Creating a model in DesignWise may be the fastest route to get the Xray, Gherkin, Java, etc. file with the test cases. Further, you guarantee the consistency of the export format across projects.
The current release may have only the minimal information, but if the application keeps growing, you may want to get ahead of the curve and start building the DesignWise model in advance.
An application with numerous parameters (e.g. >=8) and values may not be a good fit for DesignWise if the interactions between the elements are heavily limited, leaving only a few possible paths through the system.
Next, let us focus more on how applying DesignWise is different in the Agile environment. To have an anchor/benchmark, in the waterfall world, by the time you reach testing, most information is well-defined, so you can start moving through all the traditional DesignWise six steps sequentially.
On the contrary, the iterative nature of the Agile process can be illustrated in the following diagram (Source):
There, DesignWise usage flow should ideally start as early as Sprint Planning and requirement definition. SMEs can leverage domain knowledge and application access to more accurately specify the inputs for each requirement. Then the majority of the work is performed during Sprint Execution. Testers would pick up the draft models and expand them to the execution-ready state at the acceptable coverage level. Finally, data tables would be exported to Ranorex Studio or manual scripts would be exported to Xray or automated ones (in the BDD format) passed to the coders for adjustment based on the automation framework.
The key challenge is that not every user story may be applicable (from the number of inputs & variations perspective) and, consequently, not every sprint may have sufficient scope. It is quite common that DesignWise is used in every 2nd or 3rd sprint, once the testing model has enough elements to justify the combinatorial exploration. And of course, once it comes to regression for each release, DesignWise test models can be easily updated to accommodate the new functionalities.
If the two features are coming in different sprints, it would likely be necessary to wait until the second enhancement (if there are no other parameters known from the previous releases or from the application access/documentation).

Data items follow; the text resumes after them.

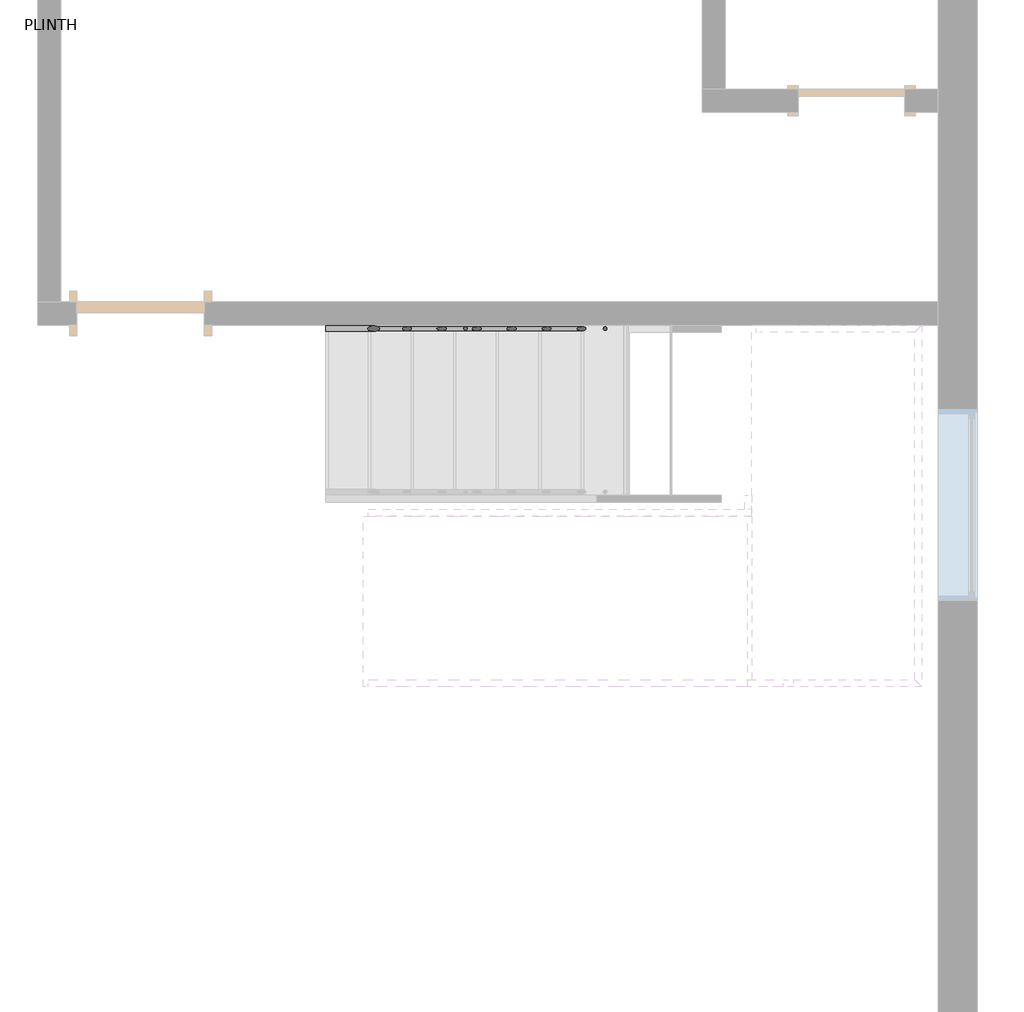
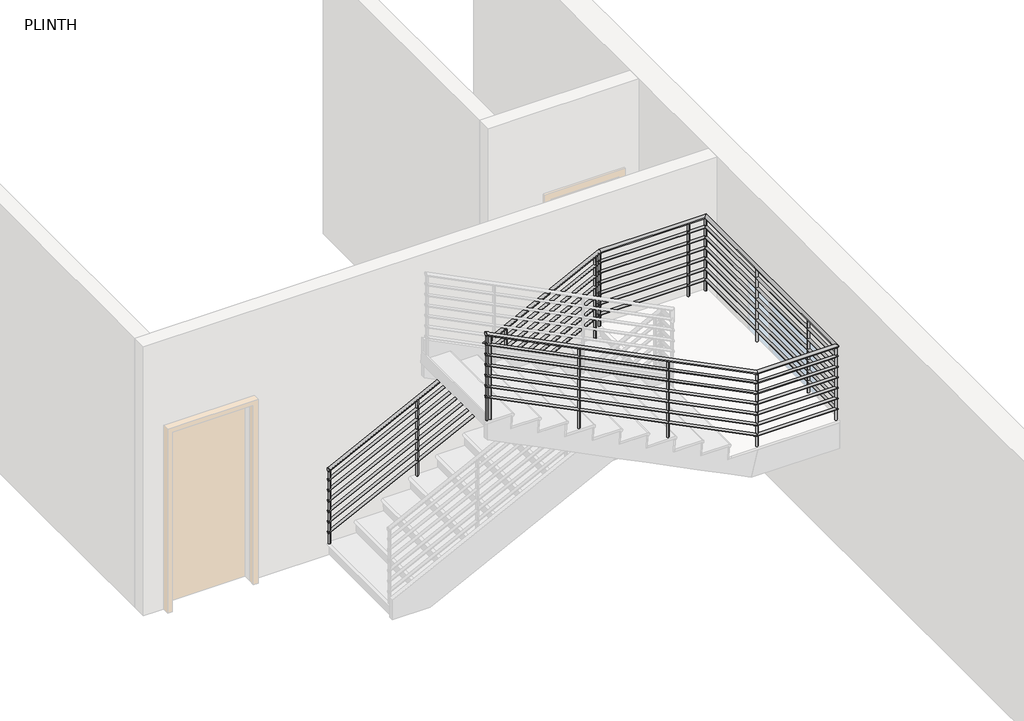
# One storey, part 3 of 4: 1 railing.
"""IFC4 building model written with IfcOpenShell, lengths in millimetres."""

from ifc_helpers import new_model, si_unit, point, frame, frame_2d, origin, place, context, project, spatial, circle_curve, ellipse_curve, trimmed, segment, composite_curve, outline, extrude, element, save
from ifc_brep_helpers import plane_surface, cylinder_surface, advanced_brep

model = new_model("IFC4")

# Units and contexts
model_context = context("Model", 3, world=origin())
ifc_project = project(units=[si_unit("LENGTHUNIT", "METRE", prefix="MILLI")], contexts=[model_context])

# Site, building, storey
site = spatial("IfcSite", under=ifc_project)
building = spatial("IfcBuilding", under=site)
storey = spatial("IfcBuildingStorey", under=building, Name="PLINTH", Elevation=0.0)

# Railing
placement = place(None, origin())
element("IfcRailing", 1, ObjectType="900mm Pipe", at=placement, inside=storey, context=model_context, shape_type="SolidModel", body=[
    advanced_brep(
    [(6849.4583908, 3581.0640673, 1030.0393202), (6849.4583908, 3621.0640673, 1030.0393202), (9902.1797503, 3581.0640673, 2556.4), (9902.1797503, 3621.0640673, 2556.4), (11071.2583908, 3581.0640673, 2556.4), (11111.2583908, 3621.0640673, 2556.4), (11071.2583908, 1083.4640673, 2556.4), (11111.2583908, 1043.4640673, 2556.4), (10197.5370312, 1083.4640673, 2556.4), (10197.5370312, 1043.4640673, 2556.4), (7154.2583908, 1083.4640673, 4078.0393202), (7154.2583908, 1043.4640673, 4078.0393202)],
    [
        (0, 1, ellipse_curve(frame((6849.4583908, 3601.0640673, 1030.0393202), z_axis=(-1.0, 0.0, 0.0), x_axis=(0.0, 0.0, -1.0)), 22.3606798, 20.0)),
        (1, 0, ellipse_curve(frame((6849.4583908, 3601.0640673, 1030.0393202), z_axis=(-1.0, 0.0, 0.0), x_axis=(0.0, 0.0, -1.0)), 22.3606798, 20.0)),
        (0, 2),
        (2, 3, ellipse_curve(frame((9902.1797503, 3601.0640673, 2556.4), z_axis=(-0.9732489894677303, 0.0, -0.22975292054736113), x_axis=(0.22975292054736202, 0.0, -0.97324898946773)), 20.5497259, 20.0)),
        (3, 1),
        (3, 2, ellipse_curve(frame((9902.1797503, 3601.0640673, 2556.4), z_axis=(-0.9732489894677303, 0.0, -0.22975292054736113), x_axis=(0.22975292054736202, 0.0, -0.97324898946773)), 20.5497259, 20.0)),
        (2, 4),
        (4, 5, ellipse_curve(frame((11091.2583908, 3601.0640673, 2556.4), z_axis=(-0.7071067811865462, 0.7071067811865488, 0.0), x_axis=(-0.7071067811865488, -0.7071067811865462, 0.0)), 28.2842712, 20.0)),
        (5, 3),
        (5, 4, ellipse_curve(frame((11091.2583908, 3601.0640673, 2556.4), z_axis=(-0.7071067811865462, 0.7071067811865488, 0.0), x_axis=(-0.7071067811865488, -0.7071067811865462, 0.0)), 28.2842712, 20.0)),
        (4, 6),
        (6, 7, ellipse_curve(frame((11091.2583908, 1063.4640673, 2556.4), z_axis=(0.7071067811865488, 0.7071067811865462, 0.0), x_axis=(-0.7071067811865462, 0.7071067811865488, 0.0)), 28.2842712, 20.0)),
        (7, 5),
        (7, 6, ellipse_curve(frame((11091.2583908, 1063.4640673, 2556.4), z_axis=(0.7071067811865488, 0.7071067811865462, 0.0), x_axis=(-0.7071067811865462, 0.7071067811865488, 0.0)), 28.2842712, 20.0)),
        (6, 8),
        (8, 9, ellipse_curve(frame((10197.5370312, 1063.4640673, 2556.4), z_axis=(0.9732489894677302, 0.0, -0.22975292054736135), x_axis=(0.22975292054736085, 0.0, 0.9732489894677303)), 20.5497259, 20.0)),
        (9, 7),
        (9, 8, ellipse_curve(frame((10197.5370312, 1063.4640673, 2556.4), z_axis=(0.9732489894677302, 0.0, -0.22975292054736135), x_axis=(0.22975292054736085, 0.0, 0.9732489894677303)), 20.5497259, 20.0)),
        (10, 11, ellipse_curve(frame((7154.2583908, 1063.4640673, 4078.0393202), z_axis=(-1.0, 0.0, 0.0), x_axis=(0.0, 0.0, -1.0)), 22.3606798, 20.0)),
        (11, 10, ellipse_curve(frame((7154.2583908, 1063.4640673, 4078.0393202), z_axis=(-1.0, 0.0, 0.0), x_axis=(0.0, 0.0, -1.0)), 22.3606798, 20.0)),
        (8, 10),
        (11, 9),
    ],
    [
        plane_surface(frame((6849.4583908, 3601.0640673, 1052.4), z_axis=(-1.0, 0.0, 0.0), x_axis=(0.0, 1.0, 0.0))),
        cylinder_surface(frame((6858.4026627, 3601.0640673, 1034.5114562), z_axis=(-0.894427190999916, 0.0, -0.4472135954999578), x_axis=(0.0, 1.0, 0.0)), 20.0),
        cylinder_surface(frame((9897.4583908, 3601.0640673, 2556.4), z_axis=(-1.0, 0.0, 0.0), x_axis=(0.0, 1.0, 0.0)), 20.0),
        cylinder_surface(frame((11091.2583908, 3601.0640673, 2556.4), z_axis=(0.0, 1.0, 0.0), x_axis=(1.0, 0.0, 0.0)), 20.0),
        cylinder_surface(frame((11091.2583908, 1063.4640673, 2556.4), z_axis=(1.0, 0.0, 0.0), x_axis=(0.0, -1.0, 0.0)), 20.0),
        plane_surface(frame((7154.2583908, 1063.4640673, 4100.4), z_axis=(-1.0, 0.0, 0.0), x_axis=(0.0, -1.0, 0.0))),
        cylinder_surface(frame((10193.3141188, 1063.4640673, 2558.5114562), z_axis=(0.8944271909999157, 0.0, -0.44721359549995826), x_axis=(0.0, -1.0, 0.0)), 20.0),
    ],
    [
        (0, [[1, 2]]),
        (1, [[-1, 3, 4, 5]]),
        (1, [[-2, -5, 6, -3]]),
        (2, [[-4, 7, 8, 9]]),
        (2, [[-6, -9, 10, -7]]),
        (3, [[-8, 11, 12, 13]]),
        (3, [[-10, -13, 14, -11]]),
        (4, [[-12, 15, 16, 17]]),
        (4, [[-14, -17, 18, -15]]),
        (5, [[19, 20]]),
        (6, [[-16, 21, -20, 22]]),
        (6, [[-18, -22, -19, -21]]),
    ],
),
    advanced_brep(
    [(6849.4583908, 3586.0640673, 910.6294902), (6849.4583908, 3616.0640673, 910.6294902), (9900.9994104, 3586.0640673, 2436.4), (9900.9994104, 3616.0640673, 2436.4), (11076.2583908, 3586.0640673, 2436.4), (11106.2583908, 3616.0640673, 2436.4), (11076.2583908, 1078.4640673, 2436.4), (11106.2583908, 1048.4640673, 2436.4), (10198.7173711, 1078.4640673, 2436.4), (10198.7173711, 1048.4640673, 2436.4), (7154.2583908, 1078.4640673, 3958.6294902), (7154.2583908, 1048.4640673, 3958.6294902)],
    [
        (0, 1, ellipse_curve(frame((6849.4583908, 3601.0640673, 910.6294902), z_axis=(-1.0, 0.0, 0.0), x_axis=(0.0, 0.0, -1.0)), 16.7705098, 15.0)),
        (1, 0, ellipse_curve(frame((6849.4583908, 3601.0640673, 910.6294902), z_axis=(-1.0, 0.0, 0.0), x_axis=(0.0, 0.0, -1.0)), 16.7705098, 15.0)),
        (0, 2),
        (2, 3, ellipse_curve(frame((9900.9994104, 3601.0640673, 2436.4), z_axis=(-0.9732489894677303, 0.0, -0.22975292054736116), x_axis=(0.22975292054736196, 0.0, -0.97324898946773)), 15.4122945, 15.0)),
        (3, 1),
        (3, 2, ellipse_curve(frame((9900.9994104, 3601.0640673, 2436.4), z_axis=(-0.9732489894677303, 0.0, -0.22975292054736116), x_axis=(0.22975292054736196, 0.0, -0.97324898946773)), 15.4122945, 15.0)),
        (2, 4),
        (4, 5, ellipse_curve(frame((11091.2583908, 3601.0640673, 2436.4), z_axis=(-0.7071067811865462, 0.7071067811865488, 0.0), x_axis=(-0.7071067811865488, -0.7071067811865462, 0.0)), 21.2132034, 15.0)),
        (5, 3),
        (5, 4, ellipse_curve(frame((11091.2583908, 3601.0640673, 2436.4), z_axis=(-0.7071067811865462, 0.7071067811865488, 0.0), x_axis=(-0.7071067811865488, -0.7071067811865462, 0.0)), 21.2132034, 15.0)),
        (4, 6),
        (6, 7, ellipse_curve(frame((11091.2583908, 1063.4640673, 2436.4), z_axis=(0.7071067811865488, 0.7071067811865462, 0.0), x_axis=(-0.7071067811865462, 0.7071067811865488, 0.0)), 21.2132034, 15.0)),
        (7, 5),
        (7, 6, ellipse_curve(frame((11091.2583908, 1063.4640673, 2436.4), z_axis=(0.7071067811865488, 0.7071067811865462, 0.0), x_axis=(-0.7071067811865462, 0.7071067811865488, 0.0)), 21.2132034, 15.0)),
        (6, 8),
        (8, 9, ellipse_curve(frame((10198.7173711, 1063.4640673, 2436.4), z_axis=(0.9732489894677302, 0.0, -0.22975292054736135), x_axis=(0.22975292054736085, 0.0, 0.9732489894677303)), 15.4122945, 15.0)),
        (9, 7),
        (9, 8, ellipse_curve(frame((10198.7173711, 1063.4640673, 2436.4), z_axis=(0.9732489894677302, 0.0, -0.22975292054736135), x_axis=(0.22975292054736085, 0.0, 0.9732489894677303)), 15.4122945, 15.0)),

It is also worth noting that sometimes a user story does not look applicable but thinking outside of boundaries will quickly change that assessment. For example, if a user story specifies the ability to log in correctly, it looks like a test with 2 parameters, 1 value each. However, if we look deeper, that requirement means a correct login for different allowed formats for usernames and passwords and an incorrect one for invalid options. Suddenly, thoroughly testing a simple user story can fully leverage DesignWise capabilities.
At this point, it is also important to keep in mind the general role of the tool in BDD practices (which often accompany the Agile transformation). When we consider common BDD goals, we can think of these 3 as being important:
From the communication standpoint, reviewing the testing efforts at the model level (in tabular or mind map format) and analyzing the coverage with the help of visualizations should help reach the mutual understanding faster.
From the requirements standpoint, Gherkin already facilitates more clear understanding of those. On top of that, DesignWise provides the platform for people with 3 knowledge components (technical, business, and functional) to come together and make sure ambiguities are eliminated and each requirement clearly specifies all the critical input values.
From the automaton standpoint, model-based testing allows easier maintenance and reusability while writing Give-When-Then scripts inside the tool helps less technical users to contribute more to the creation of automated tests.
Thus, the focus of your decision making should revolve more around the universal benefits of DesignWise and whether those could improve your status quo.